Equations 8 and 9 are given for completeness, but their presence here should not detract from the main mathematical or algebraic development in this web paper. Hence the symbols used in equations 8 and 9, unless used elsewhere in this paper, on purpose have been excluded from the table of symbols and abbreviations in section 11.

 ` ` Exam Rubric. When using the "Maximum Penalty" approach to processing the results of an MCT, a possible rubric for an examination paper could read as follows. "You will be assessed on ALL questions in this examination, even on those you have not attempted. It is recommended that you avoid guessing an answer to a question." (Of course, a rubric like this could be seen as an invitation to guess!) ` `

# 7. Putting our equations to the test

In this section we shall try and "breathe life" into the theoretical results we derived above by seeking answers to the following questions.

## 7.1 The effect of processing an MCT on a student's mark

The table in figure 7.1.1 considers a scenario of 20 questions, with 4 choices per question (or A = 4), one choice of which is correct. For convenience of presenting the numerical results in this paper, the number of correct questions has been scaled by 5 to give a percentage mark. Both columns 1 and 2 can thus be regarded effectively as the same raw data but with different scaling. Note that usually one tries to avoid negative marks, so that "K", the number of questions whose answer a student actually knows, has not been allowed to go negative. Fig. 7.1.1: Tabular Comparison of Raw Data and Averaging Marking Schemes

The table represents three options.

• Raw Marks. This is the zero-penalty option. There is no further processing as column 2 of the table in figure 7.1.1 shows.

• Averaging Approach. With this marking method, a student attempting a given number X of questions, all of which are answered correctly, may get more marks than his or her colleague who attempts Y questions, where Y > X, but where still only X questions are answered correctly. This is fair because the "Y" student has used more chances. For example, for the actual score of 40% for 8 questions answered correctly (but possibly including guesses), the averaging approach gives marks of 33%, 25% and 20% for questions_attempted = Q = 12, 17 and 20 respectively.

• Averaging with Maximum Penalty. The last column also represents this option as the limiting case of the Averaging Approach, (Q = T = 20, or questions_attempted = questions_offered = 20), where all offered questions have been attempted.

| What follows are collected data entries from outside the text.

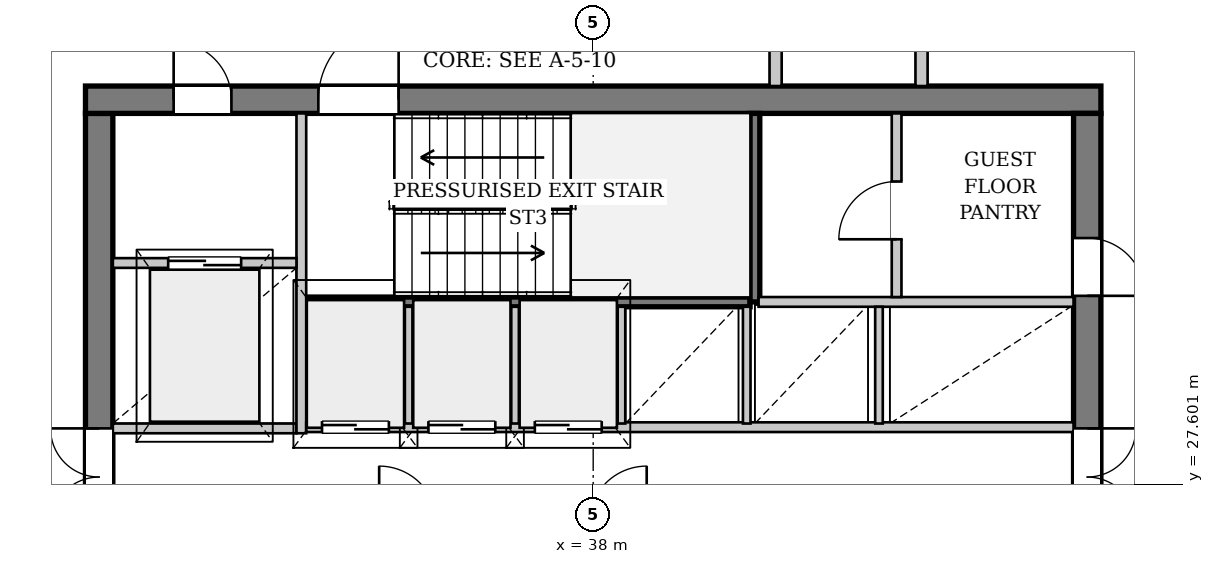
"""IFC4 building model, lengths in metres.
Left out: names, types, materials, properties, quantities, classifications, styles, units other than length and angle.
Written with IfcOpenShell. Run it as: python <this file> out.ifc"""

import sys

from ifc_helpers import new_model, si_unit, direction, frame, frame_2d, origin, place, context, subcontext, project, spatial, rectangle, extrude, source, transform, mapped, element, fill, save


model = new_model("IFC4")
c1 = context("Model", 3, precision=1e-05, world=origin(), true_north=direction((0.0, 1.0)))
c2 = subcontext(c1, "Body", "Model", "MODEL_VIEW")
j1 = project(units=[si_unit("LENGTHUNIT", "METRE"), si_unit("PLANEANGLEUNIT", "RADIAN")], contexts=[c1])
p1 = place(None, origin())
s1 = spatial("IfcSite", under=j1, at=p1, CompositionType="ELEMENT")
p2 = place(p1, origin())
s2 = spatial("IfcBuilding", under=s1, at=p2, CompositionType="ELEMENT")
p3 = place(p2, frame((0.0, 0.0, 230.9)))
s3 = spatial("IfcBuildingStorey", under=s2, at=p3, CompositionType="ELEMENT", Elevation=230.9)
p4 = place(p3, frame((15.504, 30.396, 0.0), z_axis=(0.0, 0.0, 1.0), x_axis=(0.869398698509, 0.494111225365, 0.0)))
e1 = element("IfcWall", 1, at=p4, inside=s3, PredefinedType="SOLIDWALL", context=c2, shape_type="SweptSolid", body=[
    extrude(rectangle(XDim=22.369, YDim=0.38, at=frame_2d((11.185, 0.0))), origin(), (0.0, 0.0, 1.0), 2.872),
])
p5 = place(p4, frame((5.163, 0.0, 0.502)))
e2 = element("IfcOpeningElement", 2, at=p5, cuts=e1, PredefinedType="OPENING", context=c2, shape_type="SweptSolid", body=[
    extrude(rectangle(XDim=2.2, YDim=2.25, at=frame_2d((1.1, 1.125))), frame((0.0, 0.2, 0.0), z_axis=(0.0, -1.0, 0.0), x_axis=(1.0, 0.0, 0.0)), (0.0, 0.0, 1.0), 0.4),
])
p6 = place(p4, frame((15.206, 0.0, 0.502)))
e3 = element("IfcOpeningElement", 3, at=p6, cuts=e1, PredefinedType="OPENING", context=c2, shape_type="SweptSolid", body=[
    extrude(rectangle(XDim=2.2, YDim=2.25, at=frame_2d((1.1, 1.125))), frame((0.0, 0.2, 0.0), z_axis=(0.0, -1.0, 0.0), x_axis=(1.0, 0.0, 0.0)), (0.0, 0.0, 1.0), 0.4),
])
p7 = place(p3, frame((29.875, 19.5, 0.0), z_axis=(0.0, 0.0, 1.0), x_axis=(0.0, 1.0, 0.0)))
e4 = element("IfcWall", 4, at=p7, inside=s3, PredefinedType="SHEAR", context=c2, shape_type="SweptSolid", body=[
    extrude(rectangle(XDim=14.2, YDim=0.45, at=frame_2d((7.1, 0.0))), origin(), (0.0, 0.0, 1.0), 3.38),
])
p8 = place(p7, frame((7.42, 0.0, 0.0)))
e5 = element("IfcOpeningElement", 5, at=p8, cuts=e4, PredefinedType="OPENING", context=c2, shape_type="SweptSolid", body=[
    extrude(rectangle(XDim=1.6, YDim=2.2, at=frame_2d((0.8, 1.1))), frame((0.0, 0.235, 0.0), z_axis=(0.0, -1.0, 0.0), x_axis=(1.0, 0.0, 0.0)), (0.0, 0.0, 1.0), 0.47),
])
p9 = place(p3, frame((29.65, 33.925, 0.0), z_axis=(0.0, 0.0, 1.0), x_axis=(1.0, 0.0, 0.0)))
e6 = element("IfcWall", 6, at=p9, inside=s3, PredefinedType="SHEAR", context=c2, shape_type="SweptSolid", body=[
    extrude(rectangle(XDim=16.7, YDim=0.45, at=frame_2d((8.35, 0.0))), origin(), (0.0, 0.0, 1.0), 3.38),
])
p10 = place(p9, frame((1.45, 0.0, 0.0)))
e7 = element("IfcOpeningElement", 7, at=p10, cuts=e6, PredefinedType="OPENING", context=c2, shape_type="SweptSolid", body=[
    extrude(rectangle(XDim=0.95, YDim=2.1, at=frame_2d((0.475, 1.05))), frame((0.0, 0.235, 0.0), z_axis=(0.0, -1.0, 0.0), x_axis=(1.0, 0.0, 0.0)), (0.0, 0.0, 1.0), 0.47),
])
p11 = place(p9, frame((3.83, 0.0, 0.0)))
e8 = element("IfcOpeningElement", 8, at=p11, cuts=e6, PredefinedType="OPENING", context=c2, shape_type="SweptSolid", body=[
    extrude(rectangle(XDim=1.32, YDim=2.2, at=frame_2d((0.66, 1.1))), frame((0.0, 0.235, 0.0), z_axis=(0.0, -1.0, 0.0), x_axis=(1.0, 0.0, 0.0)), (0.0, 0.0, 1.0), 0.47),
])
p12 = place(p3, frame((46.125, 33.7, 0.0), z_axis=(0.0, 0.0, 1.0), x_axis=(0.0, -1.0, 0.0)))
e9 = element("IfcWall", 9, at=p12, inside=s3, PredefinedType="SHEAR", context=c2, shape_type="SweptSolid", body=[
    extrude(rectangle(XDim=14.2, YDim=0.45, at=frame_2d((7.1, 0.0))), origin(), (0.0, 0.0, 1.0), 3.38),
])
p13 = place(p12, frame((5.18, 0.0, 0.0)))
e10 = element("IfcOpeningElement", 10, at=p13, cuts=e9, PredefinedType="OPENING", context=c2, shape_type="SweptSolid", body=[
    extrude(rectangle(XDim=1.6, YDim=2.2, at=frame_2d((0.8, 1.1))), frame((0.0, 0.235, 0.0), z_axis=(0.0, -1.0, 0.0), x_axis=(1.0, 0.0, 0.0)), (0.0, 0.0, 1.0), 0.47),
])
p14 = place(p12, frame((2.05, 0.0, 0.0)))
e11 = element("IfcOpeningElement", 11, at=p14, cuts=e9, PredefinedType="OPENING", context=c2, shape_type="SweptSolid", body=[
    extrude(rectangle(XDim=0.95, YDim=2.1, at=frame_2d((0.475, 1.05))), frame((0.0, 0.235, 0.0), z_axis=(0.0, -1.0, 0.0), x_axis=(1.0, 0.0, 0.0)), (0.0, 0.0, 1.0), 0.47),
])
p15 = place(p3, frame((33.28, 30.6, 0.0), z_axis=(0.0, 0.0, 1.0), x_axis=(1.0, 0.0, 0.0)))
e12 = element("IfcWall", 12, at=p15, inside=s3, PredefinedType="PARTITIONING", context=c2, shape_type="SweptSolid", body=[
    extrude(rectangle(XDim=7.3, YDim=0.16, at=frame_2d((3.65, 0.0))), origin(), (0.0, 0.0, 1.0), 3.38),
])
p16 = place(p3, frame((40.66, 30.6, 0.0), z_axis=(0.0, 0.0, 1.0), x_axis=(0.0, 1.0, 0.0)))
e13 = element("IfcWall", 13, at=p16, inside=s3, PredefinedType="PARTITIONING", context=c2, shape_type="SweptSolid", body=[
    extrude(rectangle(XDim=3.1, YDim=0.16, at=frame_2d((1.55, 0.0))), origin(), (0.0, 0.0, 1.0), 3.38),
])
p17 = place(p3, frame((30.1, 28.52, 0.0), z_axis=(0.0, 0.0, 1.0), x_axis=(1.0, 0.0, 0.0)))
e14 = element("IfcWall", 14, at=p17, inside=s3, PredefinedType="PARTITIONING", context=c2, shape_type="SweptSolid", body=[
    extrude(rectangle(XDim=3.02, YDim=0.16, at=frame_2d((1.51, 0.0))), origin(), (0.0, 0.0, 1.0), 3.38),
])
p18 = place(p3, frame((33.2, 28.44, 0.0), z_axis=(0.0, 0.0, 1.0), x_axis=(0.0, 1.0, 0.0)))
e15 = element("IfcWall", 15, at=p18, inside=s3, PredefinedType="PARTITIONING", context=c2, shape_type="SweptSolid", body=[
    extrude(rectangle(XDim=5.26, YDim=0.16, at=frame_2d((2.63, 0.0))), origin(), (0.0, 0.0, 1.0), 3.38),
])
p19 = place(p3, frame((30.1, 31.24, 0.0), z_axis=(0.0, 0.0, 1.0), x_axis=(1.0, 0.0, 0.0)))
e16 = element("IfcWall", 16, at=p19, inside=s3, PredefinedType="PARTITIONING", context=c2, shape_type="SweptSolid", body=[
    extrude(rectangle(XDim=3.02, YDim=0.16, at=frame_2d((1.51, 0.0))), origin(), (0.0, 0.0, 1.0), 3.38),
])
p20 = place(p19, frame((0.91, 0.0, 0.0)))
e17 = element("IfcOpeningElement", 17, at=p20, cuts=e16, PredefinedType="OPENING", context=c2, shape_type="SweptSolid", body=[
    extrude(rectangle(XDim=1.2, YDim=2.2, at=frame_2d((0.6, 1.1))), frame((0.0, 0.09, 0.0), z_axis=(0.0, -1.0, 0.0), x_axis=(1.0, 0.0, 0.0)), (0.0, 0.0, 1.0), 0.18),
])
p21 = place(p3, frame((33.28, 28.54, 0.0), z_axis=(0.0, 0.0, 1.0), x_axis=(1.0, 0.0, 0.0)))
e18 = element("IfcWall", 18, at=p21, inside=s3, PredefinedType="PARTITIONING", context=c2, shape_type="SweptSolid", body=[
    extrude(rectangle(XDim=12.62, YDim=0.16, at=frame_2d((6.31, 0.0))), origin(), (0.0, 0.0, 1.0), 3.38),
])
p22 = place(p21, frame((0.26, 0.0, 0.0)))
e19 = element("IfcOpeningElement", 19, at=p22, cuts=e18, PredefinedType="OPENING", context=c2, shape_type="SweptSolid", body=[
    extrude(rectangle(XDim=1.1, YDim=2.2, at=frame_2d((0.55, 1.1))), frame((0.0, 0.09, 0.0), z_axis=(0.0, -1.0, 0.0), x_axis=(1.0, 0.0, 0.0)), (0.0, 0.0, 1.0), 0.18),
])
p23 = place(p21, frame((2.01, 0.0, 0.0)))
e20 = element("IfcOpeningElement", 20, at=p23, cuts=e18, PredefinedType="OPENING", context=c2, shape_type="SweptSolid", body=[
    extrude(rectangle(XDim=1.1, YDim=2.2, at=frame_2d((0.55, 1.1))), frame((0.0, 0.09, 0.0), z_axis=(0.0, -1.0, 0.0), x_axis=(1.0, 0.0, 0.0)), (0.0, 0.0, 1.0), 0.18),
])
p24 = place(p21, frame((3.76, 0.0, 0.0)))
e21 = element("IfcOpeningElement", 21, at=p24, cuts=e18, PredefinedType="OPENING", context=c2, shape_type="SweptSolid", body=[
    extrude(rectangle(XDim=1.1, YDim=2.2, at=frame_2d((0.55, 1.1))), frame((0.0, 0.09, 0.0), z_axis=(0.0, -1.0, 0.0), x_axis=(1.0, 0.0, 0.0)), (0.0, 0.0, 1.0), 0.18),
])
p25 = place(p3, frame((40.72, 30.6, 0.0), z_axis=(0.0, 0.0, 1.0), x_axis=(1.0, 0.0, 0.0)))
e22 = element("IfcWall", 22, at=p25, inside=s3, PredefinedType="PARTITIONING", context=c2, shape_type="SweptSolid", body=[
    extrude(rectangle(XDim=5.18, YDim=0.16, at=frame_2d((2.59, 0.0))), origin(), (0.0, 0.0, 1.0), 3.38),
])
for number, where, z_axis, x_axis in (
    (23, (34.965, 28.6, 0.0), (0.0, 0.0, 1.0), (0.0, 1.0, 0.0)),
    (24, (36.715, 28.6, 0.0), (0.0, 0.0, 1.0), (0.0, 1.0, 0.0)),
    (25, (38.465, 28.6, 0.0), (0.0, 0.0, 1.0), (0.0, 1.0, 0.0)),
    (26, (40.525, 28.6, 0.0), (0.0, 0.0, 1.0), (0.0, 1.0, 0.0)),
    (27, (42.7, 28.6, 0.0), (0.0, 0.0, 1.0), (0.0, 1.0, 0.0)),
):
    element("IfcWall", number, at=place(p3, frame(where, z_axis=z_axis, x_axis=x_axis)), inside=s3, PredefinedType="PARTITIONING", context=c2, shape_type="SweptSolid", body=[
        extrude(rectangle(XDim=1.92, YDim=0.125, at=frame_2d((0.96, 0.0))), origin(), (0.0, 0.0, 1.0), 3.38),
    ])
p26 = place(p3, frame((42.99, 30.68, 0.0), z_axis=(0.0, 0.0, 1.0), x_axis=(0.0, 1.0, 0.0)))
e28 = element("IfcWall", 28, at=p26, inside=s3, PredefinedType="PARTITIONING", context=c2, shape_type="SweptSolid", body=[
    extrude(rectangle(XDim=3.02, YDim=0.16, at=frame_2d((1.51, 0.0))), origin(), (0.0, 0.0, 1.0), 3.38),
])
p27 = place(p26, frame((0.95, 0.0, 0.0)))
e29 = element("IfcOpeningElement", 29, at=p27, cuts=e28, PredefinedType="OPENING", context=c2, shape_type="SweptSolid", body=[
    extrude(rectangle(XDim=0.95, YDim=2.1, at=frame_2d((0.475, 1.05))), frame((0.0, 0.09, 0.0), z_axis=(0.0, -1.0, 0.0), x_axis=(1.0, 0.0, 0.0)), (0.0, 0.0, 1.0), 0.18),
])
for number, where, z_axis, x_axis in (
    (30, (41.0, 34.15, 0.0), (0.0, 0.0, 1.0), (0.0, 1.0, 0.0)),
    (31, (43.4, 34.15, 0.0), (0.0, 0.0, 1.0), (0.0, 1.0, 0.0)),
):
    element("IfcWall", number, at=place(p3, frame(where, z_axis=z_axis, x_axis=x_axis)), inside=s3, PredefinedType="PARTITIONING", context=c2, shape_type="SweptSolid", body=[
        extrude(rectangle(XDim=1.85, YDim=0.2, at=frame_2d((0.925, 0.0))), origin(), (0.0, 0.0, 1.0), 3.38),
    ])
m1 = source(origin(), c2, "Body", "SweptSolid", [
    extrude(rectangle(XDim=1.6, YDim=2.2, at=frame_2d((0.8, 1.1))), frame((0.0, 0.025, 0.0), z_axis=(0.0, -1.0, 0.0), x_axis=(1.0, 0.0, 0.0)), (0.0, 0.0, 1.0), 0.05),
])
p28 = place(p8, origin())
e32 = element("IfcDoor", 32, at=p28, inside=s3, OperationType="DOUBLE_DOOR_SINGLE_SWING", PredefinedType="DOOR", context=c2, shape_type="MappedRepresentation", body=[
    mapped(m1, transform((0.0, 0.0, 0.0), x_axis=(1.0, 0.0, 0.0), y_axis=(0.0, 1.0, 0.0), z_axis=(0.0, 0.0, 1.0), scale=1.0)),
])
fill(e5, e32)
m2 = source(origin(), c2, "Body", "SweptSolid", [
    extrude(rectangle(XDim=0.95, YDim=2.1, at=frame_2d((0.475, 1.05))), frame((0.0, 0.025, 0.0), z_axis=(0.0, -1.0, 0.0), x_axis=(1.0, 0.0, 0.0)), (0.0, 0.0, 1.0), 0.05),
])
p29 = place(p10, origin())
e33 = element("IfcDoor", 33, at=p29, inside=s3, OperationType="SINGLE_SWING_LEFT", PredefinedType="DOOR", context=c2, shape_type="MappedRepresentation", body=[
    mapped(m2, transform((0.0, 0.0, 0.0), x_axis=(1.0, 0.0, 0.0), y_axis=(0.0, 1.0, 0.0), z_axis=(0.0, 0.0, 1.0), scale=1.0)),
])
fill(e7, e33)
m3 = source(origin(), c2, "Body", "SweptSolid", [
    extrude(rectangle(XDim=1.32, YDim=2.2, at=frame_2d((0.66, 1.1))), frame((0.0, 0.025, 0.0), z_axis=(0.0, -1.0, 0.0), x_axis=(1.0, 0.0, 0.0)), (0.0, 0.0, 1.0), 0.05),
])
p30 = place(p11, origin())
e34 = element("IfcDoor", 34, at=p30, inside=s3, OperationType="SINGLE_SWING_RIGHT", PredefinedType="DOOR", context=c2, shape_type="MappedRepresentation", body=[
    mapped(m3, transform((0.0, 0.0, 0.0), x_axis=(1.0, 0.0, 0.0), y_axis=(0.0, 1.0, 0.0), z_axis=(0.0, 0.0, 1.0), scale=1.0)),
])
fill(e8, e34)
p31 = place(p13, origin())
e35 = element("IfcDoor", 35, at=p31, inside=s3, OperationType="DOUBLE_DOOR_SINGLE_SWING", PredefinedType="DOOR", context=c2, shape_type="MappedRepresentation", body=[
    mapped(m1, transform((0.0, 0.0, 0.0), x_axis=(1.0, 0.0, 0.0), y_axis=(0.0, 1.0, 0.0), z_axis=(0.0, 0.0, 1.0), scale=1.0)),
])
fill(e10, e35)
m4 = source(origin(), c2, "Body", "SweptSolid", [
    extrude(rectangle(XDim=1.2, YDim=2.2, at=frame_2d((0.6, 1.1))), frame((0.0, 0.025, 0.0), z_axis=(0.0, -1.0, 0.0), x_axis=(1.0, 0.0, 0.0)), (0.0, 0.0, 1.0), 0.05),
])
p32 = place(p20, origin())
e36 = element("IfcDoor", 36, at=p32, inside=s3, OperationType="DOUBLE_DOOR_SLIDING", PredefinedType="DOOR", context=c2, shape_type="MappedRepresentation", body=[
    mapped(m4, transform((0.0, 0.0, 0.0), x_axis=(1.0, 0.0, 0.0), y_axis=(0.0, 1.0, 0.0), z_axis=(0.0, 0.0, 1.0), scale=1.0)),
])
fill(e17, e36)
m5 = source(origin(), c2, "Body", "SweptSolid", [
    extrude(rectangle(XDim=1.1, YDim=2.2, at=frame_2d((0.55, 1.1))), frame((0.0, 0.025, 0.0), z_axis=(0.0, -1.0, 0.0), x_axis=(1.0, 0.0, 0.0)), (0.0, 0.0, 1.0), 0.05),
])
p33 = place(p22, origin())
e37 = element("IfcDoor", 37, at=p33, inside=s3, OperationType="DOUBLE_DOOR_SLIDING", PredefinedType="DOOR", context=c2, shape_type="MappedRepresentation", body=[
    mapped(m5, transform((0.0, 0.0, 0.0), x_axis=(1.0, 0.0, 0.0), y_axis=(0.0, 1.0, 0.0), z_axis=(0.0, 0.0, 1.0), scale=1.0)),
])
fill(e19, e37)
p34 = place(p23, origin())
e38 = element("IfcDoor", 38, at=p34, inside=s3, OperationType="DOUBLE_DOOR_SLIDING", PredefinedType="DOOR", context=c2, shape_type="MappedRepresentation", body=[
    mapped(m5, transform((0.0, 0.0, 0.0), x_axis=(1.0, 0.0, 0.0), y_axis=(0.0, 1.0, 0.0), z_axis=(0.0, 0.0, 1.0), scale=1.0)),
])
fill(e20, e38)
p35 = place(p24, origin())
e39 = element("IfcDoor", 39, at=p35, inside=s3, OperationType="DOUBLE_DOOR_SLIDING", PredefinedType="DOOR", context=c2, shape_type="MappedRepresentation", body=[
    mapped(m5, transform((0.0, 0.0, 0.0), x_axis=(1.0, 0.0, 0.0), y_axis=(0.0, 1.0, 0.0), z_axis=(0.0, 0.0, 1.0), scale=1.0)),
])
fill(e21, e39)
p36 = place(p27, origin())
e40 = element("IfcDoor", 40, at=p36, inside=s3, OperationType="SINGLE_SWING_LEFT", PredefinedType="DOOR", context=c2, shape_type="MappedRepresentation", body=[
    mapped(m2, transform((0.0, 0.0, 0.0), x_axis=(1.0, 0.0, 0.0), y_axis=(0.0, 1.0, 0.0), z_axis=(0.0, 0.0, 1.0), scale=1.0)),
])
fill(e29, e40)
p37 = place(p14, origin())
e41 = element("IfcDoor", 41, at=p37, inside=s3, OperationType="SINGLE_SWING_RIGHT", PredefinedType="DOOR", context=c2, shape_type="MappedRepresentation", body=[
    mapped(m2, transform((0.0, 0.0, 0.0), x_axis=(1.0, 0.0, 0.0), y_axis=(0.0, 1.0, 0.0), z_axis=(0.0, 0.0, 1.0), scale=1.0)),
])
fill(e11, e41)
save(model, sys.argv[1])

In the table of fig. 7.1.1 we can see additional aspects.

1. Correctness Check. We can see a check for the correctness of the calculations. The maximum value achievable in the Q column is (Q*5) %. Thus, for Q=12,17,20, the corresponding maximum values will be 60,85,100.
2. Positive Values. These start "later" than with the raw data.

Figure 7.1.2, below, represents the results for different numbers, Q, of questions attempted. It shows that the operation area for MCTs is bounded by the triangular area which is formed by the zero-penalty line (raw data), the maximum penalty line (Q = T = 20) and the x-axis. As stated above, negative results are floored to zero. Fig. 7.1.2: Graphical Comparison of Raw Data and Averaging Marking Schemes

The graph in figure 7.1.3 is derived from the graph in figure 7.1.2 above, and shows the differences in the percentage output mark (K) (obtained by reading in the vertical direction) between the zero-penalty approach and intermediate penalty approaches where the number Q of questions attempted is 4, 8, 12, and 16 respectively, with the limiting case of Q = T = 20 being equivalent to the maximum penalty approach. For Q values of 4, 8, 12, 16 and 20, the corresponding maximum differences are thus 5, 10, 15, 20 and 25% respectively. Since the maximum difference can be as much as 25%, figure 7.1.3 emphasises that the mark that a student obtains for a MCT is strongly influenced by the way in which the educator processes the raw marks generated by the MCT. Fig. 7.1.3: Difference between Raw Data and Averaging Marking Schemes

## 7.2 Does a student benefit by guessing?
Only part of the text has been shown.